The lineup credits for the album listed all of the musicians involved rather than clearly defining the separation between band and guest players. This reflected the ongoing personnel shifts within the band. All cover art and inlay photos implied that the band consisted of Mark King, Mike Lindup and Gary Husband plus a guitarist, but it was less clear on the latter's identity — inlay photos featured Allan Holdsworth while cover artwork featured Jakko Jakszyk. In practice Holdsworth, who had played with the band during its recent London residency at the Hammersmith Apollo, provided electric guitar solos to only five of the album's songs in the studio: "Seven Years", "A Kinder Eye", "She Can't Help Herself", "If You Were Mine" and "With A Little Love". Band associate Dominic Miller contributed all rhythm guitar work, as he had done for Staring at the Sun. Jakszyk (formerly with 64 Spoons and a top session guitarist) played no part in recording the album, but was hired for touring and promotional work, was featured in the album artwork and in the promotional video clips for "Guaranteed", "Overtime" and "My Father's Shoes".

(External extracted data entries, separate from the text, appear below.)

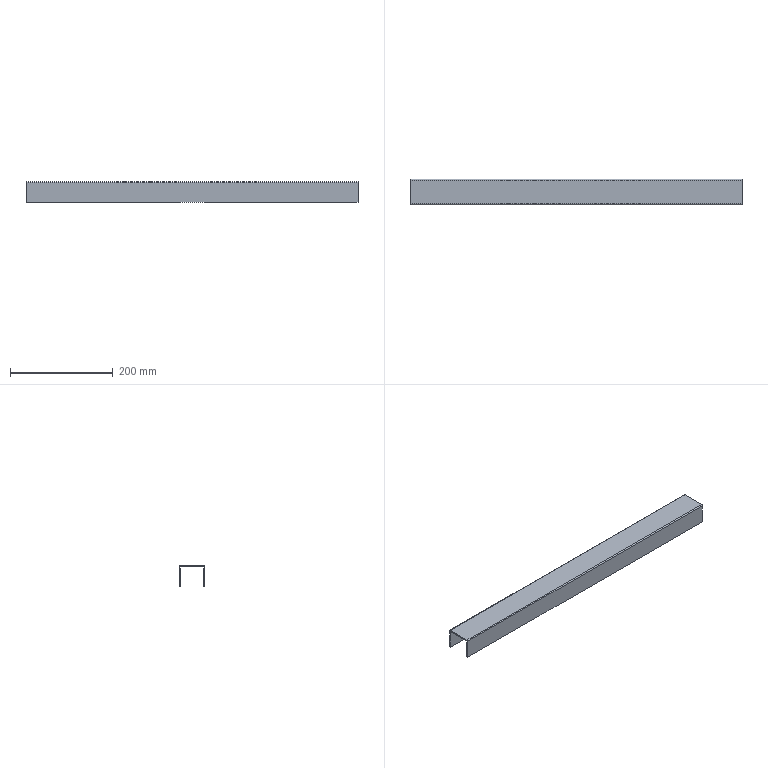Component | SolidWorks | FrameAssembly-1_FrameWeldment-1_LowerBendPlate-1 | 1 solid | 24 faces | box 645 x 50 x 40 mm | volume 195847 mm3 | plane 18 | cylinder 6 | commonest cylinder face diameters 9 x4 4 x2
build123d program:
from build123d import *

# Parameters (mm, degrees)
BOSS_EXTRUDE1_DEPTH = 645
SKETCH6_W           = 37.5
SKETCH6_H           = 45
CUT_EXTRUDE1_DEPTH  = 649.171
CUT_EXTRUDE2_REACH  = 330.795
SKETCH7_W           = 30
SKETCH7_H           = 50
CUT_EXTRUDE3_DEPTH  = 329.424
CUT_EXTRUDE4_REACH  = 330.795


with BuildPart() as part:
    # Sketch5 → Boss-Extrude1 (new body)
    with BuildSketch(Plane(origin=(0, 0, -322.5), x_dir=(-1, 0, 0), z_dir=(0, 0, -1))):
        with BuildLine():
            Line((-40, 50), (-40, 0))
            Line((-40, 0), (-2, 0))
            ThreePointArc((-2, 0), (-0.5858, 0.5858), (0, 2))
            Line((0, 2), (0, 48))
            ThreePointArc((0, 48), (-0.5858, 49.414), (-2, 50))
            Line((-2, 50), (-40, 50))
        make_face()
    extrude(amount=-BOSS_EXTRUDE1_DEPTH)

    # Sketch6 → Cut-Extrude1 (cut, through all)
    with BuildSketch(Plane.XY.offset(322.5)):
        with Locations((21.25, 25)):
            Rectangle(SKETCH6_W, SKETCH6_H)
    extrude(amount=-CUT_EXTRUDE1_DEPTH, mode=Mode.SUBTRACT)

    # Sketch7 → Cut-Extrude2 (cut, up to next)
    with BuildSketch(Plane.XZ, mode=Mode.PRIVATE) as cut_extrude2_sk1:
        with Locations((25, 0)):
            Rectangle(SKETCH7_W, SKETCH7_H)
    cut_extrude2_tool1 = extrude(cut_extrude2_sk1.sketch, amount=-CUT_EXTRUDE2_REACH, mode=Mode.PRIVATE) & part.part
    add(cut_extrude2_tool1.solids().sort_by_distance((25, 0, 0))[0], mode=Mode.SUBTRACT)

    # Sketch8 → Cut-Extrude3 (cut, through all)
    with BuildSketch(Plane(origin=(0, 2.5, 0), x_dir=(-1, 0, 0), z_dir=(0, 1, 0))):
        with BuildLine():
            Line((-26, -247.5), (-14, -247.5))
            ThreePointArc((-14, -247.5), (-9.5, -243), (-14, -238.5))
            Line((-14, -238.5), (-26, -238.5))
            ThreePointArc((-26, -238.5), (-30.5, -243), (-26, -247.5))
        make_face()
    extrude(amount=-CUT_EXTRUDE3_DEPTH, mode=Mode.SUBTRACT)

    # Sketch9 → Cut-Extrude4 (cut, up to next)
    with BuildSketch(Plane.XZ, mode=Mode.PRIVATE) as cut_extrude4_sk1:
        with BuildLine():
            Line((26, 247.5), (14, 247.5))
            ThreePointArc((14, 247.5), (9.5, 243), (14, 238.5))
            Line((14, 238.5), (26, 238.5))
            ThreePointArc((26, 238.5), (30.5, 243), (26, 247.5))
        make_face()
    cut_extrude4_tool1 = extrude(cut_extrude4_sk1.sketch, amount=-CUT_EXTRUDE4_REACH, mode=Mode.PRIVATE) & part.part
    add(cut_extrude4_tool1.solids().sort_by_distance((20, 0, 243))[0], mode=Mode.SUBTRACT)


solid = part.part

# Placed as in the assembly
solid = solid.moved(Location((-298.746, -158.627, -16.5), (180, -90, 0)))
STEP:
#1=COLOUR_RGB('',0.7922,0.8196,0.9333);
#2=FILL_AREA_STYLE_COLOUR('',#1);
#3=FILL_AREA_STYLE('',(#2));
#4=SURFACE_STYLE_FILL_AREA(#3);
#5=SURFACE_SIDE_STYLE('',(#4));
#6=SURFACE_STYLE_USAGE(.BOTH.,#5);
#7=PRESENTATION_STYLE_ASSIGNMENT((#6));
#8=CARTESIAN_POINT('',(-10.777,-6.344,-2.224));
#9=VERTEX_POINT('',#8);
#10=CARTESIAN_POINT('',(-10.777,-6.245,-2.224));
#11=VERTEX_POINT('',#10);
#12=CARTESIAN_POINT('',(-10.777,-8.214,-2.224));
#13=DIRECTION('',(0.,1.,0.));
#14=VECTOR('',#13,39.37);
#15=LINE('',#12,#14);
#16=EDGE_CURVE('',#9,#11,#15,.T.);
#17=ORIENTED_EDGE('',*,*,#16,.T.);
#18=CARTESIAN_POINT('',(0.9352,-6.245,-2.224));
#19=VERTEX_POINT('',#18);
#20=CARTESIAN_POINT('',(-24.459,-6.245,-2.224));
#21=DIRECTION('',(1.,0.,-0.));
#22=VECTOR('',#21,39.37);
#23=LINE('',#20,#22);
#24=EDGE_CURVE('',#11,#19,#23,.T.);
#25=ORIENTED_EDGE('',*,*,#24,.T.);
#26=CARTESIAN_POINT('',(0.9352,-6.344,-2.224));
#27=VERTEX_POINT('',#26);
#28=CARTESIAN_POINT('',(0.9352,-8.214,-2.224));
#29=DIRECTION('',(0.,1.,0.));
#30=VECTOR('',#29,39.37);
#31=LINE('',#28,#30);
#32=EDGE_CURVE('',#27,#19,#31,.T.);
#33=ORIENTED_EDGE('',*,*,#32,.F.);
#34=CARTESIAN_POINT('',(0.9352,-6.344,-2.224));
#35=DIRECTION('',(-1.,0.,0.));
#36=VECTOR('',#35,39.37);
#37=LINE('',#34,#36);
#38=EDGE_CURVE('',#27,#9,#37,.T.);
#39=ORIENTED_EDGE('',*,*,#38,.T.);
#40=EDGE_LOOP('',(#17,#25,#33,#39));
#41=FACE_OUTER_BOUND('',#40,.T.);
#42=CARTESIAN_POINT('',(-24.459,-8.214,-2.224));
#43=DIRECTION('',(-0.,0.,-1.));
#44=DIRECTION('',(1.,0.,-0.));
#45=AXIS2_PLACEMENT_3D('',#42,#43,#44);
#46=PLANE('',#45);
#47=ADVANCED_FACE('',(#41),#46,.T.);
#48=CARTESIAN_POINT('',(-12.746,-6.344,-2.224));
#49=VERTEX_POINT('',#48);
#50=CARTESIAN_POINT('',(-12.746,-6.245,-2.224));
#51=VERTEX_POINT('',#50);
#52=CARTESIAN_POINT('',(-12.746,-8.214,-2.224));
#53=DIRECTION('',(0.,1.,0.));
#54=VECTOR('',#53,39.37);
#55=LINE('',#52,#54);
#56=EDGE_CURVE('',#49,#51,#55,.T.);
#57=ORIENTED_EDGE('',*,*,#56,.F.);
#58=CARTESIAN_POINT('',(-24.459,-6.344,-2.224));
#59=VERTEX_POINT('',#58);
#60=CARTESIAN_POINT('',(0.9352,-6.344,-2.224));
#61=DIRECTION('',(-1.,0.,0.));
#62=VECTOR('',#61,39.37);
#63=LINE('',#60,#62);
#64=EDGE_CURVE('',#49,#59,#63,.T.);
#65=ORIENTED_EDGE('',*,*,#64,.T.);
#66=CARTESIAN_POINT('',(-24.459,-6.245,-2.224));
#67=VERTEX_POINT('',#66);
#68=CARTESIAN_POINT('',(-24.459,-8.214,-2.224));
#69=DIRECTION('',(0.,1.,0.));
#70=VECTOR('',#69,39.37);
#71=LINE('',#68,#70);
#72=EDGE_CURVE('',#59,#67,#71,.T.);
#73=ORIENTED_EDGE('',*,*,#72,.T.);
#74=CARTESIAN_POINT('',(-24.459,-6.245,-2.224));
#75=DIRECTION('',(1.,0.,-0.));
#76=VECTOR('',#75,39.37);
#77=LINE('',#74,#76);
#78=EDGE_CURVE('',#67,#51,#77,.T.);
#79=ORIENTED_EDGE('',*,*,#78,.T.);
#80=EDGE_LOOP('',(#57,#65,#73,#79));
#81=FACE_OUTER_BOUND('',#80,.T.);
#82=CARTESIAN_POINT('',(-24.459,-8.214,-2.224));
#83=DIRECTION('',(-0.,0.,-1.));
#84=DIRECTION('',(1.,0.,-0.));
#85=AXIS2_PLACEMENT_3D('',#82,#83,#84);
#86=PLANE('',#85);
#87=ADVANCED_FACE('',(#81),#86,.T.);
#88=CARTESIAN_POINT('',(0.9352,-8.214,-0.7283));
#89=VERTEX_POINT('',#88);
#90=CARTESIAN_POINT('',(0.9352,-8.214,-2.224));
#91=VERTEX_POINT('',#90);
#92=CARTESIAN_POINT('',(0.9352,-8.214,-0.7283));
#93=DIRECTION('',(-0.,0.,-1.));
#94=VECTOR('',#93,39.37);
#95=LINE('',#92,#94);
#96=EDGE_CURVE('',#89,#91,#95,.T.);
#97=ORIENTED_EDGE('',*,*,#96,.F.);
#98=CARTESIAN_POINT('',(-24.459,-8.214,-0.7283));
#99=VERTEX_POINT('',#98);
#100=CARTESIAN_POINT('',(-24.459,-8.214,-0.7283));
#101=DIRECTION('',(1.,0.,-0.));
#102=VECTOR('',#101,39.37);
#103=LINE('',#100,#102);
#104=EDGE_CURVE('',#99,#89,#103,.T.);
#105=ORIENTED_EDGE('',*,*,#104,.F.);
#106=CARTESIAN_POINT('',(-24.459,-8.214,-2.224));
#107=VERTEX_POINT('',#106);
#108=CARTESIAN_POINT('',(-24.459,-8.214,-0.7283));
#109=DIRECTION('',(-0.,0.,-1.));
#110=VECTOR('',#109,39.37);
#111=LINE('',#108,#110);
#112=EDGE_CURVE('',#99,#107,#111,.T.);
#113=ORIENTED_EDGE('',*,*,#112,.T.);
#114=CARTESIAN_POINT('',(-24.459,-8.214,-2.224));
#115=DIRECTION('',(1.,0.,-0.));
#116=VECTOR('',#115,39.37);
#117=LINE('',#114,#116);
#118=EDGE_CURVE('',#107,#91,#117,.T.);
#119=ORIENTED_EDGE('',*,*,#118,.T.);
#120=EDGE_LOOP('',(#97,#105,#113,#119));
#121=FACE_OUTER_BOUND('',#120,.T.);
#122=CARTESIAN_POINT('',(-24.459,-8.214,-0.7283));
#123=DIRECTION('',(0.,-1.,0.));
#124=DIRECTION('',(-1.,0.,0.));
#125=AXIS2_PLACEMENT_3D('',#122,#123,#124);
#126=PLANE('',#125);
#127=ADVANCED_FACE('',(#121),#126,.T.);
#128=CARTESIAN_POINT('',(0.9352,-8.135,-0.6496));
#129=VERTEX_POINT('',#128);
#130=CARTESIAN_POINT('',(0.9352,-8.135,-0.7283));
#131=DIRECTION('',(1.,0.,-0.));
#132=DIRECTION('',(0.,0.,1.));
#133=AXIS2_PLACEMENT_3D('',#130,#131,#132);
#134=CIRCLE('',#133,0.07874);
#135=EDGE_CURVE('',#129,#89,#134,.T.);
#136=ORIENTED_EDGE('',*,*,#135,.F.);
#137=CARTESIAN_POINT('',(-24.459,-8.135,-0.6496));
#138=VERTEX_POINT('',#137);
#139=CARTESIAN_POINT('',(-24.459,-8.135,-0.6496));
#140=DIRECTION('',(1.,0.,-0.));
#141=VECTOR('',#140,39.37);
#142=LINE('',#139,#141);
#143=EDGE_CURVE('',#138,#129,#142,.T.);
#144=ORIENTED_EDGE('',*,*,#143,.F.);
#145=CARTESIAN_POINT('',(-24.459,-8.135,-0.7283));
#146=DIRECTION('',(1.,0.,-0.));
#147=DIRECTION('',(0.,0.,1.));
#148=AXIS2_PLACEMENT_3D('',#145,#146,#147);
#149=CIRCLE('',#148,0.07874);
#150=EDGE_CURVE('',#138,#99,#149,.T.);
#151=ORIENTED_EDGE('',*,*,#150,.T.);
#152=ORIENTED_EDGE('',*,*,#104,.T.);
#153=EDGE_LOOP('',(#136,#144,#151,#152));
#154=FACE_OUTER_BOUND('',#153,.T.);
#155=CARTESIAN_POINT('',(-24.459,-8.135,-0.7283));
#156=DIRECTION('',(1.,0.,-0.));
#157=DIRECTION('',(0.,0.,1.));
#158=AXIS2_PLACEMENT_3D('',#155,#156,#157);
#159=CYLINDRICAL_SURFACE('',#158,0.07874);
#160=ADVANCED_FACE('',(#154),#159,.T.);
#161=CARTESIAN_POINT('',(0.9352,-6.324,-0.6496));
#162=VERTEX_POINT('',#161);
#163=CARTESIAN_POINT('',(0.9352,-6.324,-0.6496));
#164=DIRECTION('',(0.,-1.,0.));
#165=VECTOR('',#164,39.37);
#166=LINE('',#163,#165);
#167=EDGE_CURVE('',#162,#129,#166,.T.);
#168=ORIENTED_EDGE('',*,*,#167,.F.);
#169=CARTESIAN_POINT('',(-24.459,-6.324,-0.6496));
#170=VERTEX_POINT('',#169);
#171=CARTESIAN_POINT('',(-24.459,-6.324,-0.6496));
#172=DIRECTION('',(1.,0.,-0.));
#173=VECTOR('',#172,39.37);
#174=LINE('',#171,#173);
#175=EDGE_CURVE('',#170,#162,#174,.T.);
#176=ORIENTED_EDGE('',*,*,#175,.F.);
#177=CARTESIAN_POINT('',(-24.459,-6.324,-0.6496));
#178=DIRECTION('',(0.,-1.,0.));
#179=VECTOR('',#178,39.37);
#180=LINE('',#177,#179);
#181=EDGE_CURVE('',#170,#138,#180,.T.);
#182=ORIENTED_EDGE('',*,*,#181,.T.);
#183=ORIENTED_EDGE('',*,*,#143,.T.);
#184=EDGE_LOOP('',(#168,#176,#182,#183));
#185=FACE_OUTER_BOUND('',#184,.T.);
#186=CARTESIAN_POINT('',(-24.459,-6.324,-0.6496));
#187=DIRECTION('',(0.,0.,1.));
#188=DIRECTION('',(-0.,1.,-0.));
#189=AXIS2_PLACEMENT_3D('',#186,#187,#188);
#190=PLANE('',#189);
#191=ADVANCED_FACE('',(#185),#190,.T.);
#192=CARTESIAN_POINT('',(0.9352,-6.245,-0.7283));
#193=VERTEX_POINT('',#192);
#194=CARTESIAN_POINT('',(0.9352,-6.324,-0.7283));
#195=DIRECTION('',(1.,0.,-0.));
#196=DIRECTION('',(0.,0.,1.));
#197=AXIS2_PLACEMENT_3D('',#194,#195,#196);
#198=CIRCLE('',#197,0.07874);
#199=EDGE_CURVE('',#193,#162,#198,.T.);
#200=ORIENTED_EDGE('',*,*,#199,.F.);
#201=CARTESIAN_POINT('',(-24.459,-6.245,-0.7283));
#202=VERTEX_POINT('',#201);
#203=CARTESIAN_POINT('',(-24.459,-6.245,-0.7283));
#204=DIRECTION('',(1.,0.,-0.));
#205=VECTOR('',#204,39.37);
#206=LINE('',#203,#205);
#207=EDGE_CURVE('',#202,#193,#206,.T.);
#208=ORIENTED_EDGE('',*,*,#207,.F.);
#209=CARTESIAN_POINT('',(-24.459,-6.324,-0.7283));
#210=DIRECTION('',(1.,0.,-0.));
#211=DIRECTION('',(0.,0.,1.));
#212=AXIS2_PLACEMENT_3D('',#209,#210,#211);
#213=CIRCLE('',#212,0.07874);
#214=EDGE_CURVE('',#202,#170,#213,.T.);
#215=ORIENTED_EDGE('',*,*,#214,.T.);
#216=ORIENTED_EDGE('',*,*,#175,.T.);
#217=EDGE_LOOP('',(#200,#208,#215,#216));
#218=FACE_OUTER_BOUND('',#217,.T.);
#219=CARTESIAN_POINT('',(-24.459,-6.324,-0.7283));
#220=DIRECTION('',(1.,0.,-0.));
#221=DIRECTION('',(0.,0.,1.));
#222=AXIS2_PLACEMENT_3D('',#219,#220,#221);
#223=CYLINDRICAL_SURFACE('',#222,0.07874);
#224=ADVANCED_FACE('',(#218),#223,.T.);
#225=CARTESIAN_POINT('',(-21.151,-6.245,-1.673));
#226=VERTEX_POINT('',#225);
#227=CARTESIAN_POINT('',(-21.506,-6.245,-1.673));
#228=VERTEX_POINT('',#227);
#229=CARTESIAN_POINT('',(-21.329,-6.245,-1.673));
#230=DIRECTION('',(0.,1.,0.));
#231=DIRECTION('',(1.,0.,0.));
#232=AXIS2_PLACEMENT_3D('',#229,#230,#231);
#233=CIRCLE('',#232,0.1772);
#234=EDGE_CURVE('',#226,#228,#233,.T.);
#235=ORIENTED_EDGE('',*,*,#234,.F.);
#236=CARTESIAN_POINT('',(-21.151,-6.245,-1.201));
#237=VERTEX_POINT('',#236);
#238=CARTESIAN_POINT('',(-21.151,-6.245,-1.201));
#239=DIRECTION('',(0.,0.,-1.));
#240=VECTOR('',#239,39.37);
#241=LINE('',#238,#240);
#242=EDGE_CURVE('',#237,#226,#241,.T.);
#243=ORIENTED_EDGE('',*,*,#242,.F.);
#244=CARTESIAN_POINT('',(-21.506,-6.245,-1.201));
#245=VERTEX_POINT('',#244);
#246=CARTESIAN_POINT('',(-21.329,-6.245,-1.201));
#247=DIRECTION('',(0.,1.,0.));
#248=DIRECTION('',(1.,0.,0.));
#249=AXIS2_PLACEMENT_3D('',#246,#247,#248);
#250=CIRCLE('',#249,0.1772);
#251=EDGE_CURVE('',#245,#237,#250,.T.);
#252=ORIENTED_EDGE('',*,*,#251,.F.);
#253=CARTESIAN_POINT('',(-21.506,-6.245,-1.673));
#254=DIRECTION('',(0.,0.,1.));
#255=VECTOR('',#254,39.37);
#256=LINE('',#253,#255);
#257=EDGE_CURVE('',#228,#245,#256,.T.);
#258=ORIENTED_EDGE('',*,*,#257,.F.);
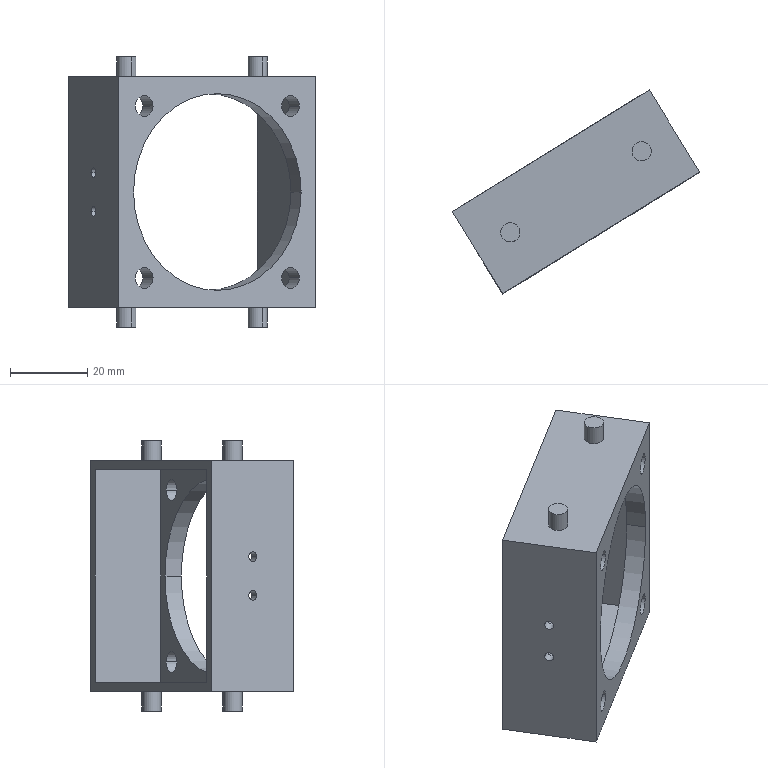Component | SolidWorks | WheelAssembly-1_MotorBracket-1 | 1 solid | 37 faces | box 64.19 x 52.78 x 70 mm | volume 19196 mm3 | cylinder 22 | plane 15 | commonest cylinder face diameters 5.4 x8 5 x8 2.5 x4 51 x2
build123d program:
from build123d import *

# Parameters (mm, degrees)
SKETCH1_W             = 60
SKETCH1_H             = 60
SKETCH1_R             = 25.5
BOSS_EXTRUDE1_DEPTH   = 5
SKETCH3_W             = 60
SKETCH3_H             = 60
SKETCH3_W_2           = 55
SKETCH3_H_2           = 55
BOSS_EXTRUDE2_DEPTH   = 20
SKETCH5_R             = 2.5
BOSS_EXTRUDE3_DEPTH   = 5
M3_TAPPED_HOLE1_D     = 2.5
M3_TAPPED_HOLE1_DEPTH = 7.5
M3_TAPPED_HOLE1_TIP   = 0.7511
SKETCH8_R             = 2.7
CUT_EXTRUDE1_DEPTH    = 30


with BuildPart() as part:
    # Sketch1 → Boss-Extrude1 (new body)
    with BuildSketch(Plane.XY):
        Rectangle(SKETCH1_W, SKETCH1_H)
        Circle(SKETCH1_R, mode=Mode.SUBTRACT)
    extrude(amount=BOSS_EXTRUDE1_DEPTH)

    # Sketch3 → Boss-Extrude2 (add)
    with BuildSketch(Plane(origin=(0, 0, 0), x_dir=(-1, 0, 0), z_dir=(0, 0, -1))):
        Rectangle(SKETCH3_W, SKETCH3_H)
        Rectangle(SKETCH3_W_2, SKETCH3_H_2, mode=Mode.SUBTRACT)
    extrude(amount=BOSS_EXTRUDE2_DEPTH)

    # Sketch5 → Boss-Extrude3 (add)
    with BuildSketch(Plane.XZ.offset(30)):
        with Locations(Location((-20, -7.5, 0), (0, 0, 90))):
            Circle(SKETCH5_R)
        with Locations(Location((20, -7.5, 0), (0, 0, 90))):
            Circle(SKETCH5_R)
    boss_extrude3 = extrude(amount=BOSS_EXTRUDE3_DEPTH)

    # Mirror1: Boss-Extrude3 across plane
    add(boss_extrude3.mirror(Plane.ZX))

    # M3 Tapped Hole1
    with Locations(Plane.ZY.offset(30)):
        with Locations((-7.5, 5), (-7.5, -5)):
            Hole(M3_TAPPED_HOLE1_D / 2, depth=M3_TAPPED_HOLE1_DEPTH)
            with Locations((0, 0, -(M3_TAPPED_HOLE1_DEPTH + M3_TAPPED_HOLE1_TIP / 2))):  # 118° drill point
                Cone(0, M3_TAPPED_HOLE1_D / 2, M3_TAPPED_HOLE1_TIP, mode=Mode.SUBTRACT)

    # Sketch8 → Cut-Extrude1 (cut)
    with BuildSketch(Plane.XY.offset(5)):
        with Locations((-22.274, 22.274)):
            Circle(SKETCH8_R)
        with Locations((22.274, 22.274)):
            Circle(SKETCH8_R)
        with Locations((22.274, -22.274)):
            Circle(SKETCH8_R)
        with Locations((-22.274, -22.274)):
            Circle(SKETCH8_R)
    extrude(amount=-CUT_EXTRUDE1_DEPTH, mode=Mode.SUBTRACT)


solid = part.part

# Placed as in the assembly
solid = solid.moved(Location((-217.384, -117.356, -542.97), (90, 31.668, 0)))

Due to Lindup's absence from many of the sessions, a high proportion of the keyboard parts for Guaranteed were played by drummer Gary Husband (including the piano solo on "Her Big Day") although Lindup would later overdub solos. Husband would also expand his songwriting contribution, including writing the song "If You Were Mine" on his own. Husband would leave Level 42 following this album, to be replaced by the band's original drummer Phil Gould, although he would return to the band in 1999.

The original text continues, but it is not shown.